The role of autonomy is significantly at a large scale in the Cislunar space. This is still underutilized and there is a lot to be done yet to enhance, spread, and evolve it over the traditional methodologies, but the work towards it is already in a focused direction and will be an asset for the Cislunar operations. This paper has bought forward the need for a sustainable form of autonomy in these times of aggressive Cislunar missions, especially towards building strategic positions and capturing the unique data of the Moon, which is of high quality and is adaptable in exploring the deeper space and knowing new facts about the Moon and later moving to Mars. This replicates in a different way for operations at the Earth’s side of the Cislunar space. Applications such as disaster management, are of such critical importance for humanity and the preservation of the resources on Earth. The role of autonomy in such operations with small satellite constellations is exponentially valuable, and the need for further developing constellations just keeps growing. Overall, the autonomy of fairly and extensive size of implementation is critically needed for the dedicated and systematic operation of the Cislunar space. This paper makes a sincere effort towards that direction and forms a major foundation towards building autonomous systems and operations that are significantly contributing but also sustainable for a long term. This will bring synergy of various factors together and avoid unknown anomalies and conflicts in the Cislunar space, boosting its economy and allowing missions to be safe, intelligent, and organized while meeting their mission objectives as planned.

The limitations that are being worked on currently with this proposed methodology are the complexity of computations to be optimally reduced to a significantly lower level. It doesn’t mean that it is not simple in computation now, but further efforts in this regard to reduce the complexity overall in a system of operations towards more precision in implementation will be desired. The computation time for each simulation (including the iterations of Monte Carlo) remained under 10 s, making the algorithms compact and significantly reliable. Even during several trials, the overall accuracy in the execution of the algorithms remained simple, compact, and accurate without any major anomalies detected. This can be further improved with upgraded accuracy and reduced computation efforts, as simple but effective systems are the key to the NewSpace challenges.

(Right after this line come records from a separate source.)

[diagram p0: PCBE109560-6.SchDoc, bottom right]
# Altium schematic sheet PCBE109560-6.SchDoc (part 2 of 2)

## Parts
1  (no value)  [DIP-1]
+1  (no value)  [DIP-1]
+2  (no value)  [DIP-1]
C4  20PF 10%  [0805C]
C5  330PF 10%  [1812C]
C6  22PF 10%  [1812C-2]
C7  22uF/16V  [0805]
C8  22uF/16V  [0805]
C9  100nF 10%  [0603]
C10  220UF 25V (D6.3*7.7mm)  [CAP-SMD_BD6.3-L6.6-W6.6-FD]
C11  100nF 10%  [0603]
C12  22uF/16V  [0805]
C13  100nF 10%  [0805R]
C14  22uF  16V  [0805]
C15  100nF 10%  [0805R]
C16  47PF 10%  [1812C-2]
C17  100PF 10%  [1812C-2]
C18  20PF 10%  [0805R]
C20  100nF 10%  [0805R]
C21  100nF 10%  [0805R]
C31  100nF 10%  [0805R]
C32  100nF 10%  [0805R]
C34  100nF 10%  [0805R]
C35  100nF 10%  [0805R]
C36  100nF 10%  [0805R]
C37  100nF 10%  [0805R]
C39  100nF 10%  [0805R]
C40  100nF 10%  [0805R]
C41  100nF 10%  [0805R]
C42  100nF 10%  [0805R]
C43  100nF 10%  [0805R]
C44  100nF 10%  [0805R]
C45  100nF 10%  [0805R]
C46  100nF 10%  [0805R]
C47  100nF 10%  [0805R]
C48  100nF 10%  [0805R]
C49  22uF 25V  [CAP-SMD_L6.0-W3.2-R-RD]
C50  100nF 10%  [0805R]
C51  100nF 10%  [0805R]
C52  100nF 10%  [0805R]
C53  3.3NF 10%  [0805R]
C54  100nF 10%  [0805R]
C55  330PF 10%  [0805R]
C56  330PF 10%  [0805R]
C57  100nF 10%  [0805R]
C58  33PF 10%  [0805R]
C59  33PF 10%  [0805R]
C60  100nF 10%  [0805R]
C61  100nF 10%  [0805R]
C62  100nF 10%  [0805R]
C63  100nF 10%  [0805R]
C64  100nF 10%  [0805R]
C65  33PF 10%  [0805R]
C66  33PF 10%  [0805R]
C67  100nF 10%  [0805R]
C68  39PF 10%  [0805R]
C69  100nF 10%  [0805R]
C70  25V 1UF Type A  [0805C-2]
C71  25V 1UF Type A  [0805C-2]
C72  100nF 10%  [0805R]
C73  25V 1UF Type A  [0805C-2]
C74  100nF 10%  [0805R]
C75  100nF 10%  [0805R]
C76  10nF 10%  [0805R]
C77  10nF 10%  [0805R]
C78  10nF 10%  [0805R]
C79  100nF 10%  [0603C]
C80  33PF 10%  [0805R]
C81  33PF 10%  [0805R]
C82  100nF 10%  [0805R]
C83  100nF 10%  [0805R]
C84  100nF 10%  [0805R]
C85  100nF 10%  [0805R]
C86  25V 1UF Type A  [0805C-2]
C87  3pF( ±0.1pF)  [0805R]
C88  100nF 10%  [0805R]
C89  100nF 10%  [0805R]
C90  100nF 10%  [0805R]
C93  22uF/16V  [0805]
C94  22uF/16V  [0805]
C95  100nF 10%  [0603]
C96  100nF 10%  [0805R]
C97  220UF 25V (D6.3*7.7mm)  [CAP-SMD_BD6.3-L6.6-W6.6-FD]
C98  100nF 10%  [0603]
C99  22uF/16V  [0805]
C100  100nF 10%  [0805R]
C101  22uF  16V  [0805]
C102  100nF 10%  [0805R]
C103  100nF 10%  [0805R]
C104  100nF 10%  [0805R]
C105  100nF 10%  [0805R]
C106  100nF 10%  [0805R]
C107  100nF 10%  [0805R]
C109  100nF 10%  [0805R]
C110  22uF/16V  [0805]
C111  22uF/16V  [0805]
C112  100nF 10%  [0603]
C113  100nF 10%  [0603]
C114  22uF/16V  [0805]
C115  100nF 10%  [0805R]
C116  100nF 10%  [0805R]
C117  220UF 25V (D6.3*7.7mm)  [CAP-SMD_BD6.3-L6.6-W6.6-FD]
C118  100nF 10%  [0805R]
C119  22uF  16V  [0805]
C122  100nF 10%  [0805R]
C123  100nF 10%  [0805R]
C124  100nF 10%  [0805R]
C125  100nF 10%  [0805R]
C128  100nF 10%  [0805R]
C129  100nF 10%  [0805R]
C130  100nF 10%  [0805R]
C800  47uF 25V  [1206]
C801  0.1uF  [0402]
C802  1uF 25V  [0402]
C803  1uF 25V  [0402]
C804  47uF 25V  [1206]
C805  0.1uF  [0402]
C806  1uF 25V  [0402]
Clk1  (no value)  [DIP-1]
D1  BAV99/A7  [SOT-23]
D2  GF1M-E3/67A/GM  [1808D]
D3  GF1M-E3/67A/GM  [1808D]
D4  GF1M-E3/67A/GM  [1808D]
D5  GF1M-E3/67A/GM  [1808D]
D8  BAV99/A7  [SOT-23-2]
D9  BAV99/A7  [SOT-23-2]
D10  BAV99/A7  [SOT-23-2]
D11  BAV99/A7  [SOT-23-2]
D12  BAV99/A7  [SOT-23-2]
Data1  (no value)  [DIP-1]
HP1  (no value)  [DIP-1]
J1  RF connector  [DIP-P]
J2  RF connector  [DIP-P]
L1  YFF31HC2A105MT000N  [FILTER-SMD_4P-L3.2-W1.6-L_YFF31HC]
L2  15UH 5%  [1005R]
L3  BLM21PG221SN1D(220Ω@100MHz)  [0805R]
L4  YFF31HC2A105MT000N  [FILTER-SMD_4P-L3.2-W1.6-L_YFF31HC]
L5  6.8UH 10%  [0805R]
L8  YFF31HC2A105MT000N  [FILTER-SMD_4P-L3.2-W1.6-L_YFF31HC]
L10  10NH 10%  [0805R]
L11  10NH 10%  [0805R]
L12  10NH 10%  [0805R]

In the near future, these results will be studied further in various real-time operating scenarios. The space environment is dynamic and changes rapidly over time. Hence, more rigorous testing and evaluation of the proposed methodology will be aligned specifically to small satellites and their constellations. The Cislunar operations also will be the center of the focus to make its operations effective, safe, continuous, and enduring for a long period of time.